NCT number NCT04410328
Other study ID # Pro2020001469
Secondary ID
Status Completed
Phase Phase 3
First received
Last updated
Start date October 21, 2020
Est. completion date October 15, 2021

Study information

Verified date January 2022
Source Rutgers, The State University of New Jersey
Contact n/a
Is FDA regulated No
Health authority
Study type Interventional

Clinical Trial Summary

The purpose of this study is to explore the efficacy of Aggrenox in patients with SARS-CoV-2 infection with symptoms consistent with COVID-19. An anticipated total of 132 participants will be randomly divided almost equally into 2 groups: one group will receive Dipyridamole ER 200mg/ Aspirin 25mg orally/enterally along with the standard of care and the other group with receive the standard of care only but no Dipyridamole ER 200mg/ Aspirin 25mg. Participants will be screened, enrolled, receive treatment, and followed for 28 days. The clinical and laboratory outcomes of all the participants enrolled in the study will be evaluated at the end of the study to explore if there is any difference in the outcomes between 2 groups.


Description:

Purpose/Specific Aims: The purpose of this study is to explore the efficacy of Aggrenox in patients with SARS-CoV-2 infection with symptoms consistent with COVID-19. Among 132 SARS-CoV-2 patients (66 patients in each randomized arm), we will determine the efficacy of Aggrenox on clinical outcomes.
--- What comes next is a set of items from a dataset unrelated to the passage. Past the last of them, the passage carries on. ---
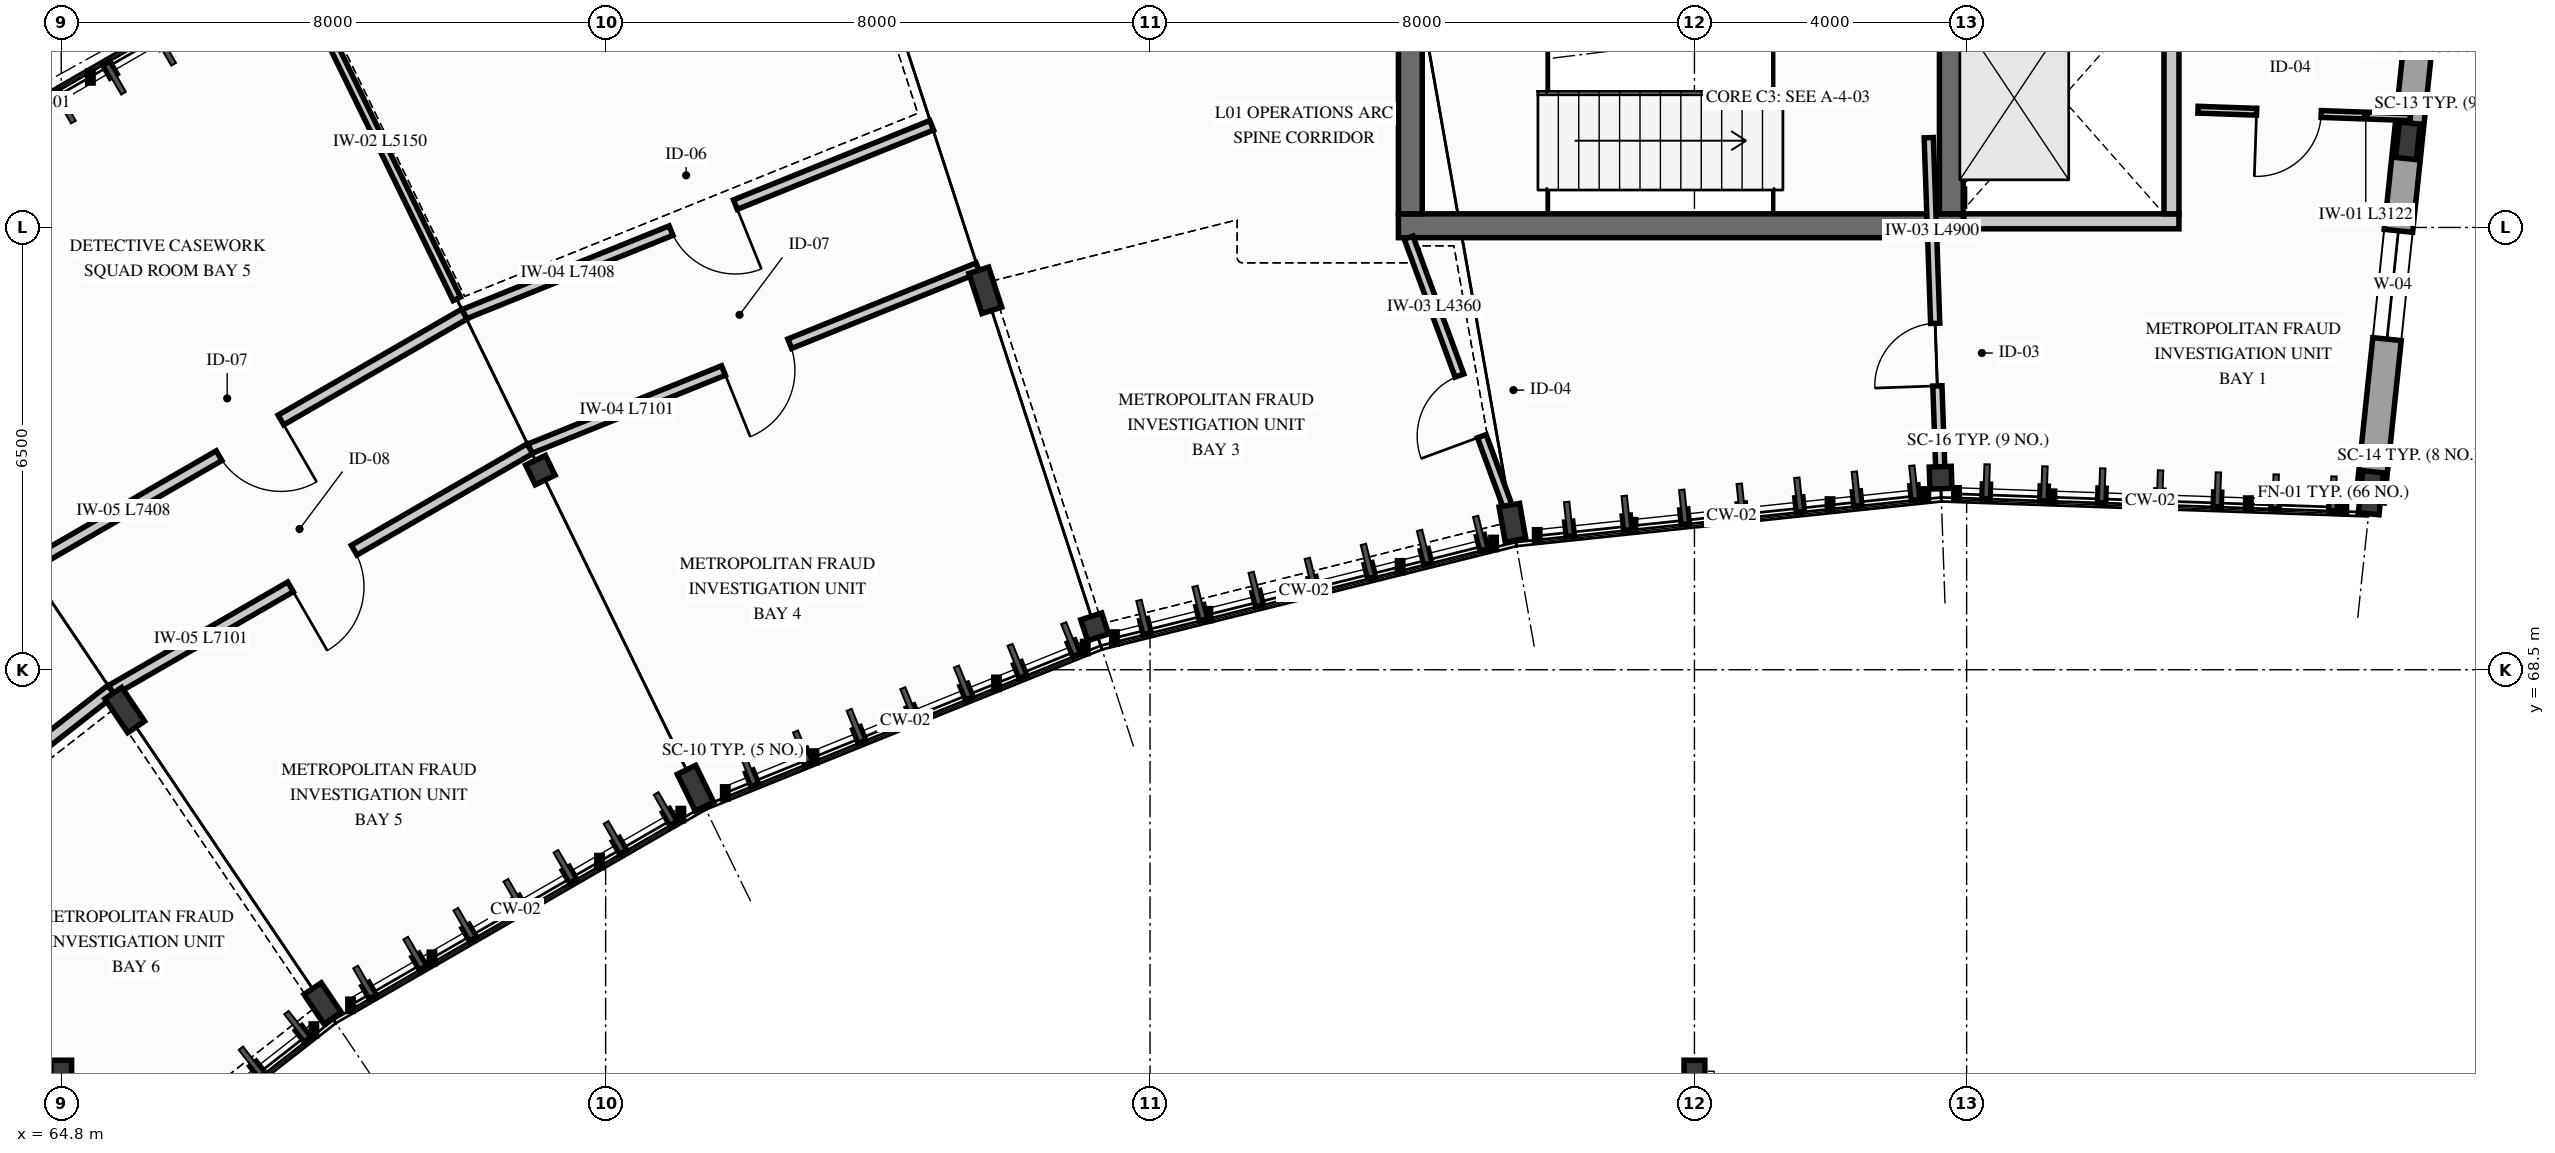
"""IFC4 building model, lengths in metres.
Left out: names, types, materials, properties, quantities, classifications, styles, units other than length and angle.
Written with IfcOpenShell. Run it as: python <this file> out.ifc"""

import sys

from ifc_helpers import new_model, si_unit, direction, frame, frame_2d, origin, origin_2d, place, context, subcontext, project, spatial, rectangle, hollow_circle, i_section, extrude, element, fill, save


model = new_model("IFC4")
c1 = context("Model", 3, precision=1e-05, world=origin(), true_north=direction((0.0, 1.0)))
c2 = subcontext(c1, "Body", "Model", "MODEL_VIEW")
j1 = project(units=[si_unit("LENGTHUNIT", "METRE"), si_unit("PLANEANGLEUNIT", "RADIAN")], contexts=[c1])
p1 = place(None, origin())
s1 = spatial("IfcSite", under=j1, at=p1, CompositionType="ELEMENT")
p2 = place(p1, origin())
s2 = spatial("IfcBuilding", under=s1, at=p2, CompositionType="ELEMENT")
p3 = place(p2, frame((0.0, 0.0, 5.1)))
s3 = spatial("IfcBuildingStorey", under=s2, at=p3, CompositionType="ELEMENT", Elevation=5.1)
p4 = place(p3, frame((84.45, 75.025, 0.0), z_axis=(0.0, 0.0, 1.0), x_axis=(1.0, 0.0, 0.0)))
e1 = element("IfcWall", 1, at=p4, inside=s3, PredefinedType="SHEAR", context=c2, shape_type="SweptSolid", body=[
    extrude(rectangle(XDim=8.3, YDim=0.35, at=frame_2d((4.15, 0.0))), origin(), (0.0, 0.0, 1.0), 3.98),
])
p5 = place(p3, frame((84.625, 75.2, 0.0), z_axis=(0.0, 0.0, 1.0), x_axis=(0.0, 1.0, 0.0)))
e2 = element("IfcWall", 2, at=p5, inside=s3, PredefinedType="SHEAR", context=c2, shape_type="SweptSolid", body=[
    extrude(rectangle(XDim=6.8, YDim=0.35, at=frame_2d((3.4, 0.0))), origin(), (0.0, 0.0, 1.0), 3.98),
])
p6 = place(p5, frame((2.6, 0.0, 0.0)))
e3 = element("IfcOpeningElement", 3, at=p6, cuts=e2, PredefinedType="OPENING", context=c2, shape_type="SweptSolid", body=[
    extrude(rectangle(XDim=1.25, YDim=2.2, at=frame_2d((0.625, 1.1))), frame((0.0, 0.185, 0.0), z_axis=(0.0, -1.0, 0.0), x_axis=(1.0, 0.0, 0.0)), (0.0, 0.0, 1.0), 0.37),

Hypotheses / Research Question(s) Compared to standard care, the addition of Aggrenox (Dipyridamole ER 200mg/ Aspirin 25mg), to standard care will result in improvement in the composite COVID ordinal scale at day 15. Additionally, combined Aggrenox (Dipyridamole ER 200mg/ Aspirin 25mg orally/enterally), and standard care will reduce the need for ventilation, length of mechanical ventilation, hospital length of stay, ICU length of stay, decrease risk of thromboembolic complications and improve survival more than standard care alone in SARS-CoV-2 patients. Research Design and Methods Randomized design. Participants will be randomized 1:1 to Aggrenox or standard treatment. Arm 1: Active Comparator: (Aggrenox (Dipyridamole ER 200mg/ Aspirin 25mg orally/enterally). Participants will receive Aggrenox (Dipyridamole ER 200mg/ Aspirin 25mg orally/enterally), 2 times daily (FDA-recommended dose) starting on the day of enrollment for a total of 2 weeks + standard care. Arm 2: Standard care Comparator: Participants will receive standard care starting on the day of enrollment for a total of 2 weeks. The investigators will perform a randomized, 2-arm, open-label single-site pilot study to evaluate the effect of oral Aggrenox (Dipyridamole ER 200mg/ Aspirin 25mg orally/enterally), on clinical outcomes in patients with SARS-CoV-2. In this research proposal, investigators will randomly assign 132 consenting participants with diagnosis of SARS-CoV-2 to two treatment groups: 1) Aggrenox (Dipyridamole ER 200mg/ Aspirin 25mg orally/enterally) + standard care and 2) standard care alone. Participants will be screened, enrolled, receive treatment and followed for 28 days. The study aim and procedure will be explained to every eligible subject and informed consent will be obtained from interested subjects or authorized proxy to participate in the study. The investigators will collect demographic, clinical, laboratory and radiological data. The patients would be followed daily for 2 weeks after enrollment while the patient is in the hospital and once discharged, they will be called every 3rd day to follow up on the symptoms.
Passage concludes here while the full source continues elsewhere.